Reconstruction and post-processing
2D MRFqRF data were reconstructed after compression with randomized SVD³. The compressed data were matched to a compressed dictionary, which was also partially undersampled in the tissue dimension. The low resolution in the tissue dimension was recovered with quadratic interpolation⁴ after the matching. The relatively strong gradients needed for MRFqRF acquisition can cause eddy currents and frequency drifts over time (~4 Hz/min), which need to be removed to see underlying off-resonance changes due to temperature. For automated estimation of frequency drift, Independent Component Analysis (ICA)⁵ was run on the dynamic Δf series of an 11x11 ROI from a region where no temperature change is expected. The component that describes the linear frequency drift was then removed from all voxels in the dynamic Δf series. Finally, the reconstructed off-resonance maps were converted to ΔT with the following equation⁶, where $$$γ$$$ is the gyromagnetic ratio in MHz/T, B₀ is the field strength in Tesla, and n is the dynamic scan number. $$ \triangle T_n=\frac{\triangle f_n - \triangle f_0}{-0.01*\gamma*B_0} $$

Results

Figure 3 compares the signal evolutions of two different dictionary entries with matching T1 and T2 for MRFqRF 3516/1752/876. Inner product of signal evolutions is similar across number of time points, but SNR is reduced as the number of time points decrease.
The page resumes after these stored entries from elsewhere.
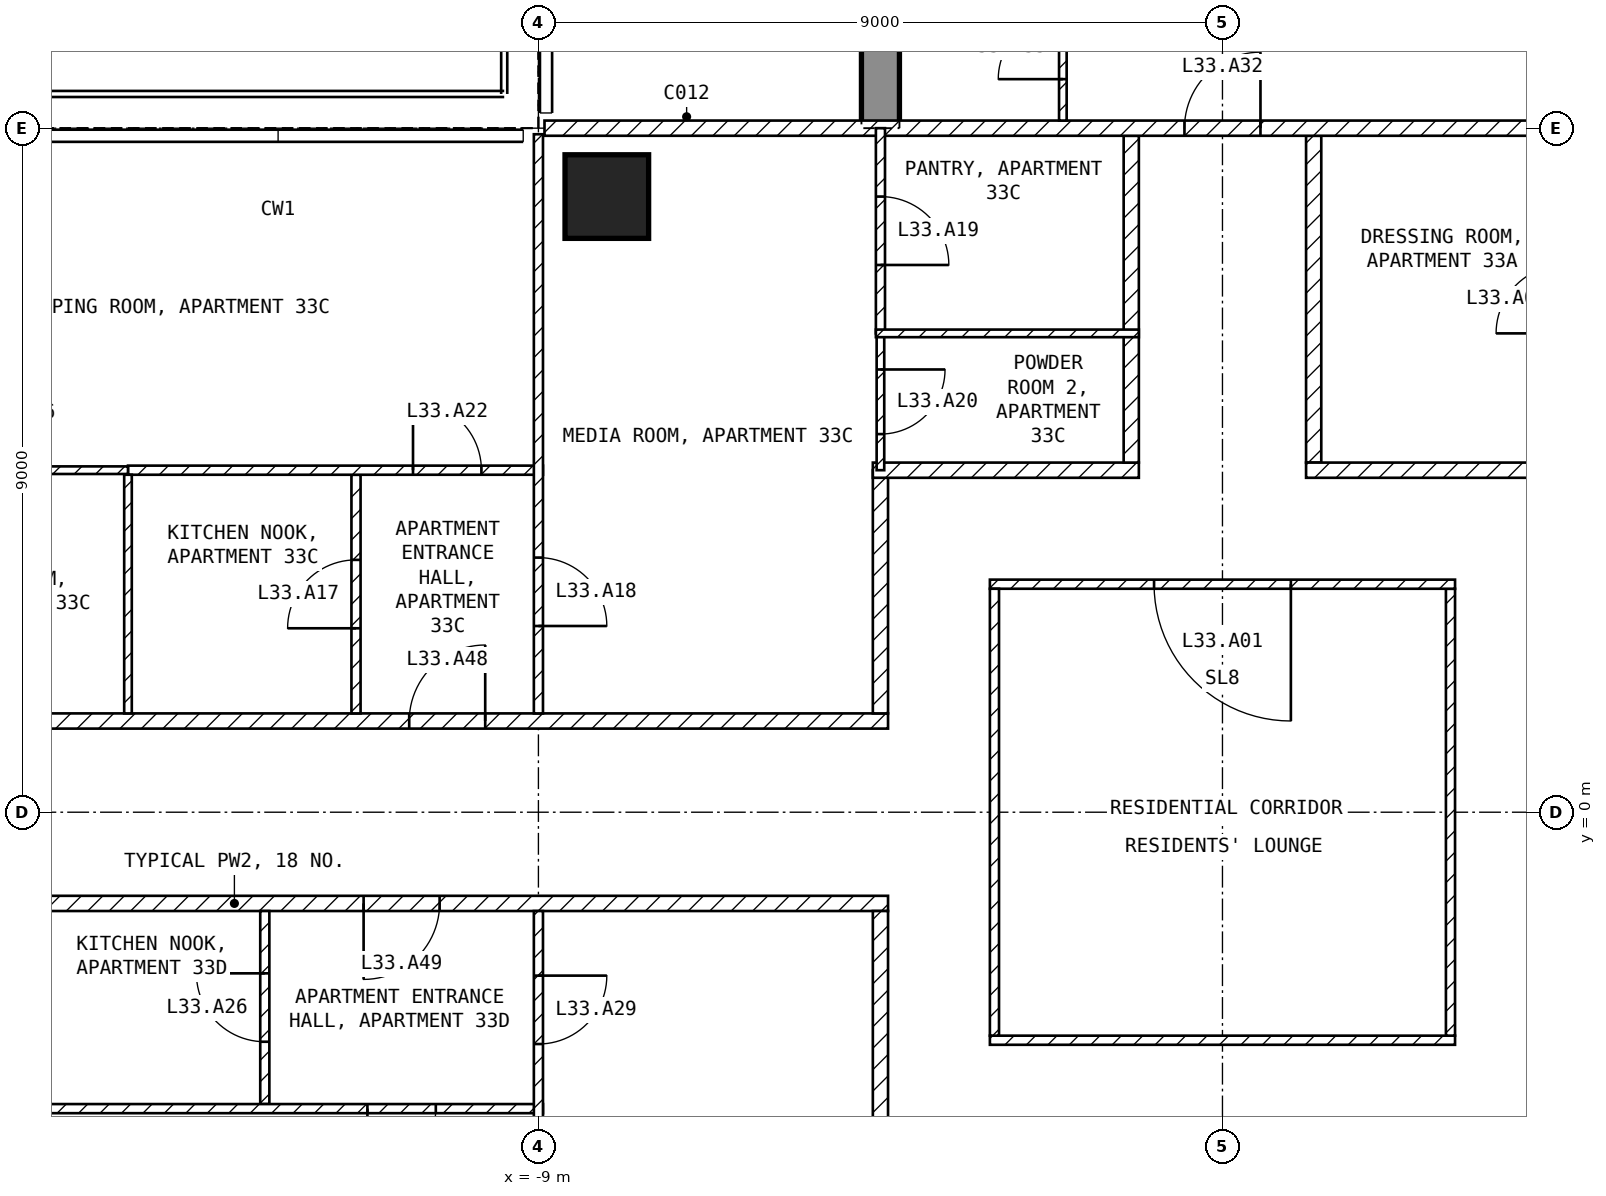
"""IFC4 building model, lengths in metres.
Left out: names, types, materials, properties, quantities, classifications, styles, units other than length and angle.
Written with IfcOpenShell. Run it as: python <this file> out.ifc"""

import sys

from ifc_helpers import new_model, si_unit, direction, frame, frame_2d, origin, origin_2d, place, context, subcontext, project, spatial, polyline, rectangle, outline, extrude, element, fill, save


model = new_model("IFC4")
c1 = context("Model", 3, precision=1e-05, world=origin(), true_north=direction((0.0, 1.0)))
c2 = subcontext(c1, "Body", "Model", "MODEL_VIEW")
j1 = project(units=[si_unit("LENGTHUNIT", "METRE"), si_unit("PLANEANGLEUNIT", "RADIAN")], contexts=[c1])
p1 = place(None, origin())
s1 = spatial("IfcSite", under=j1, at=p1, CompositionType="ELEMENT")
p2 = place(p1, origin())
s2 = spatial("IfcBuilding", under=s1, at=p2, CompositionType="ELEMENT")
p3 = place(p2, frame((0.0, 0.0, 137.4)))
s3 = spatial("IfcBuildingStorey", under=s2, at=p3, CompositionType="ELEMENT", Elevation=137.4)
p4 = place(p3, frame((-8.1, 8.1, -0.25), z_axis=(0.0, 0.0, 1.0), x_axis=(1.0, 0.0, 0.0)))
e1 = element("IfcColumn", 1, at=p4, inside=s3, PredefinedType="COLUMN", context=c2, shape_type="SweptSolid", body=[
    extrude(rectangle(XDim=1.1, YDim=1.1, at=origin_2d()), origin(), (0.0, 0.0, 1.0), 3.5),
])
p5 = place(p3, frame((-4.75, 9.0, -0.25), z_axis=(1.0, 0.0, 0.0), x_axis=(0.0, 1.0, 0.0)))
e2 = element("IfcWall", 2, at=p5, inside=s3, PredefinedType="SHEAR", context=c2, shape_type="SweptSolid", body=[
    extrude(outline(polyline([(0.0, 0.0), (2.1, 0.0), (2.1, 2.65), (4.5, 2.65), (4.5, 0.0), (9.9, 0.0), (9.9, 2.65), (12.3, 2.65), (12.3, 0.0), (16.55, 0.0), (16.55, 3.5), (0.0, 3.5), (0.0, 0.0)])), origin(), (0.0, 0.0, 1.0), 0.5),
])
p6 = place(p3, frame((-3.06, -3.0, 0.0), z_axis=(0.0, 0.0, 1.0), x_axis=(1.0, 0.0, 0.0)))
e3 = element("IfcWall", 3, at=p6, inside=s3, PredefinedType="PARTITIONING", context=c2, shape_type="SweptSolid", body=[
    extrude(rectangle(XDim=6.12, YDim=0.12, at=frame_2d((3.06, 0.0))), origin(), (0.0, 0.0, 1.0), 3.25),
])
p7 = place(p3, frame((3.0, -2.94, 0.0), z_axis=(0.0, 0.0, 1.0), x_axis=(0.0, 1.0, 0.0)))
e4 = element("IfcWall", 4, at=p7, inside=s3, PredefinedType="PARTITIONING", context=c2, shape_type="SweptSolid", body=[
    extrude(rectangle(XDim=5.88, YDim=0.12, at=frame_2d((2.94, 0.0))), origin(), (0.0, 0.0, 1.0), 3.25),
])
p8 = place(p3, frame((3.06, 3.0, 0.0), z_axis=(0.0, 0.0, 1.0), x_axis=(-1.0, 0.0, 0.0)))
e5 = element("IfcWall", 5, at=p8, inside=s3, PredefinedType="PARTITIONING", context=c2, shape_type="SweptSolid", body=[
    extrude(rectangle(XDim=6.12, YDim=0.12, at=frame_2d((3.06, 0.0))), origin(), (0.0, 0.0, 1.0), 3.25),
])
p9 = place(p8, frame((2.16, 0.0, 0.0)))
e6 = element("IfcOpeningElement", 6, at=p9, cuts=e5, PredefinedType="OPENING", context=c2, shape_type="SweptSolid", body=[
    extrude(rectangle(XDim=1.8, YDim=2.1, at=frame_2d((0.9, 1.05))), frame((0.0, 0.07, 0.0), z_axis=(0.0, -1.0, 0.0), x_axis=(1.0, 0.0, 0.0)), (0.0, 0.0, 1.0), 0.14),
])
p10 = place(p3, frame((-3.0, 2.94, 0.0), z_axis=(0.0, 0.0, 1.0), x_axis=(0.0, -1.0, 0.0)))
e7 = element("IfcWall", 7, at=p10, inside=s3, PredefinedType="PARTITIONING", context=c2, shape_type="SweptSolid", body=[
    extrude(rectangle(XDim=5.88, YDim=0.12, at=frame_2d((2.94, 0.0))), origin(), (0.0, 0.0, 1.0), 3.25),
])
p11 = place(p3, frame((1.2, 8.9, 0.0), z_axis=(0.0, 0.0, 1.0), x_axis=(0.0, -1.0, 0.0)))
e8 = element("IfcWall", 8, at=p11, inside=s3, PredefinedType="PARTITIONING", context=c2, shape_type="SweptSolid", body=[
    extrude(rectangle(XDim=4.3, YDim=0.2, at=frame_2d((2.15, 0.0))), origin(), (0.0, 0.0, 1.0), 3.25),
])
p12 = place(p3, frame((1.1, 4.5, 0.0), z_axis=(0.0, 0.0, 1.0), x_axis=(1.0, 0.0, 0.0)))
e9 = element("IfcWall", 9, at=p12, inside=s3, PredefinedType="PARTITIONING", context=c2, shape_type="SweptSolid", body=[
    extrude(rectangle(XDim=3.5, YDim=0.2, at=frame_2d((1.75, 0.0))), origin(), (0.0, 0.0, 1.0), 3.25),
])
p13 = place(p3, frame((-21.6, 1.2, 0.0), z_axis=(0.0, 0.0, 1.0), x_axis=(1.0, 0.0, 0.0)))
e10 = element("IfcWall", 10, at=p13, inside=s3, PredefinedType="PARTITIONING", context=c2, shape_type="SweptSolid", body=[
    extrude(rectangle(XDim=17.2, YDim=0.2, at=frame_2d((8.6, 0.0))), origin(), (0.0, 0.0, 1.0), 3.25),
])
p14 = place(p13, frame((10.9, 0.0, 0.0)))
e11 = element("IfcOpeningElement", 11, at=p14, cuts=e10, PredefinedType="OPENING", context=c2, shape_type="SweptSolid", body=[
    extrude(rectangle(XDim=1.0, YDim=2.1, at=frame_2d((0.5, 1.05))), frame((0.0, 0.11, 0.0), z_axis=(0.0, -1.0, 0.0), x_axis=(1.0, 0.0, 0.0)), (0.0, 0.0, 1.0), 0.22),
])
p15 = place(p3, frame((-4.5, 1.3, 0.0), z_axis=(0.0, 0.0, 1.0), x_axis=(0.0, 1.0, 0.0)))
e12 = element("IfcWall", 12, at=p15, inside=s3, PredefinedType="PARTITIONING", context=c2, shape_type="SweptSolid", body=[
    extrude(rectangle(XDim=3.2, YDim=0.2, at=frame_2d((1.6, 0.0))), origin(), (0.0, 0.0, 1.0), 3.25),
])
p16 = place(p3, frame((-4.6, 4.5, 0.0), z_axis=(0.0, 0.0, 1.0), x_axis=(1.0, 0.0, 0.0)))
e13 = element("IfcWall", 13, at=p16, inside=s3, PredefinedType="PARTITIONING", context=c2, shape_type="SweptSolid", body=[
    extrude(rectangle(XDim=3.5, YDim=0.2, at=frame_2d((1.75, 0.0))), origin(), (0.0, 0.0, 1.0), 3.25),
])
p17 = place(p3, frame((-1.2, 4.6, 0.0), z_axis=(0.0, 0.0, 1.0), x_axis=(0.0, 1.0, 0.0)))
e14 = element("IfcWall", 14, at=p17, inside=s3, PredefinedType="PARTITIONING", context=c2, shape_type="SweptSolid", body=[
    extrude(rectangle(XDim=4.3, YDim=0.2, at=frame_2d((2.15, 0.0))), origin(), (0.0, 0.0, 1.0), 3.25),
])
p18 = place(p3, frame((-4.4, -1.2, 0.0), z_axis=(0.0, 0.0, 1.0), x_axis=(-1.0, 0.0, 0.0)))
e15 = element("IfcWall", 15, at=p18, inside=s3, PredefinedType="PARTITIONING", context=c2, shape_type="SweptSolid", body=[
    extrude(rectangle(XDim=17.2, YDim=0.2, at=frame_2d((8.6, 0.0))), origin(), (0.0, 0.0, 1.0), 3.25),
])
p19 = place(p18, frame((5.9, 0.0, 0.0)))
e16 = element("IfcOpeningElement", 16, at=p19, cuts=e15, PredefinedType="OPENING", context=c2, shape_type="SweptSolid", body=[
    extrude(rectangle(XDim=1.0, YDim=2.1, at=frame_2d((0.5, 1.05))), frame((0.0, 0.11, 0.0), z_axis=(0.0, -1.0, 0.0), x_axis=(1.0, 0.0, 0.0)), (0.0, 0.0, 1.0), 0.22),
])
p20 = place(p3, frame((-4.5, -4.5, 0.0), z_axis=(0.0, 0.0, 1.0), x_axis=(0.0, 1.0, 0.0)))
e17 = element("IfcWall", 17, at=p20, inside=s3, PredefinedType="PARTITIONING", context=c2, shape_type="SweptSolid", body=[
    extrude(rectangle(XDim=3.2, YDim=0.2, at=frame_2d((1.6, 0.0))), origin(), (0.0, 0.0, 1.0), 3.25),
])
p21 = place(p3, frame((-8.92, 9.0, 0.0), z_axis=(0.0, 0.0, 1.0), x_axis=(1.0, 0.0, 0.0)))
e18 = element("IfcWall", 18, at=p21, inside=s3, PredefinedType="PARTITIONING", context=c2, shape_type="SweptSolid", body=[
    extrude(rectangle(XDim=17.84, YDim=0.2, at=frame_2d((8.92, 0.0))), origin(), (0.0, 0.0, 1.0), 3.25),
])
p22 = place(p21, frame((8.42, 0.0, 0.0)))
e19 = element("IfcOpeningElement", 19, at=p22, cuts=e18, PredefinedType="OPENING", context=c2, shape_type="SweptSolid", body=[
    extrude(rectangle(XDim=1.0, YDim=2.1, at=frame_2d((0.5, 1.05))), frame((0.0, 0.11, 0.0), z_axis=(0.0, -1.0, 0.0), x_axis=(1.0, 0.0, 0.0)), (0.0, 0.0, 1.0), 0.22),
])
p23 = place(p3, frame((-11.4, 1.3, 0.0), z_axis=(0.0, 0.0, 1.0), x_axis=(0.0, 1.0, 0.0)))
e20 = element("IfcWall", 20, at=p23, inside=s3, PredefinedType="PARTITIONING", context=c2, shape_type="SweptSolid", body=[
    extrude(rectangle(XDim=3.14, YDim=0.12, at=frame_2d((1.57, 0.0))), origin(), (0.0, 0.0, 1.0), 3.25),
])
p24 = place(p23, frame((1.12, 0.0, 0.0)))
e21 = element("IfcOpeningElement", 21, at=p24, cuts=e20, PredefinedType="OPENING", context=c2, shape_type="SweptSolid", body=[
    extrude(rectangle(XDim=0.9, YDim=2.1, at=frame_2d((0.45, 1.05))), frame((0.0, 0.07, 0.0), z_axis=(0.0, -1.0, 0.0), x_axis=(1.0, 0.0, 0.0)), (0.0, 0.0, 1.0), 0.14),
])
p25 = place(p3, frame((-14.4, 4.5, 0.0), z_axis=(0.0, 0.0, 1.0), x_axis=(1.0, 0.0, 0.0)))
e22 = element("IfcWall", 22, at=p25, inside=s3, PredefinedType="PARTITIONING", context=c2, shape_type="SweptSolid", body=[
    extrude(rectangle(XDim=5.46, YDim=0.12, at=frame_2d((2.73, 0.0))), origin(), (0.0, 0.0, 1.0), 3.25),
])
p26 = place(p25, frame((3.75, 0.0, 0.0)))
e23 = element("IfcOpeningElement", 23, at=p26, cuts=e22, PredefinedType="OPENING", context=c2, shape_type="SweptSolid", body=[
    extrude(rectangle(XDim=0.9, YDim=2.1, at=frame_2d((0.45, 1.05))), frame((0.0, 0.07, 0.0), z_axis=(0.0, -1.0, 0.0), x_axis=(1.0, 0.0, 0.0)), (0.0, 0.0, 1.0), 0.14),
])
p27 = place(p3, frame((-9.0, 8.92, 0.0), z_axis=(0.0, 0.0, 1.0), x_axis=(0.0, -1.0, 0.0)))
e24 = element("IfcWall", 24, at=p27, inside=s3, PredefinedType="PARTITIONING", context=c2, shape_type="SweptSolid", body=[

The ΔT of the laser ablation experiment computed from MRFqRF Δf maps using 3516/1752/876 time points is plotted in Figure 4. All three acquisitions were able to detect heating. Reducing the number of time points brings finer resolution sampling of the heating curve through time, but also increased noise, which can be inferred from the standard deviation over voxels around the not heated point.

Discussion

While heating occurred relatively quickly (~1 °C/s), cooling was much slower, allowing even the slowest MRFqRF version (40s per scan) to capture the general trend of temperature. Relatively stable MRFqRF 876 can sample the heating curve 4x faster, but it is also significantly slower than clinical need. The SNR with faster MRFqRF translates into slightly noisier ΔT estimations, but the relatively stable inner product is still the dominant factor. This observation might be useful for future optimization. Frequency drift correction is extremely important to be able to focus on small off-resonance fluctuations triggered by changes in temperature. Simple summation of voxel time series or fitting a linear function might be suboptimal considering the large fluctuations that are possible (Figure 5, left). ICA is able to detect the frequency drift component consistently (Figure 5, right).

Conclusions

This work demonstrates the first steps for temperature monitoring with an MRF framework. However, clinically-feasible ablations would benefit from further increases in temporal resolution with faster sampling of the heating curve. Additionally, no information can be obtained about heating in adipose tissue with this current implementation due to the use of off-resonance changes for temperature computation. Improvements to acquisition speed and contrast in multiple tissue types is necessary, before it can be used in real-time treatment monitoring and is the subject of future work⁷.

Acknowledgements

The work was supported by Siemens Healthcare and a cooperative grant between the University of Colorado and NIST. Authors would like to thank Will Grissom for use of the temperature probes.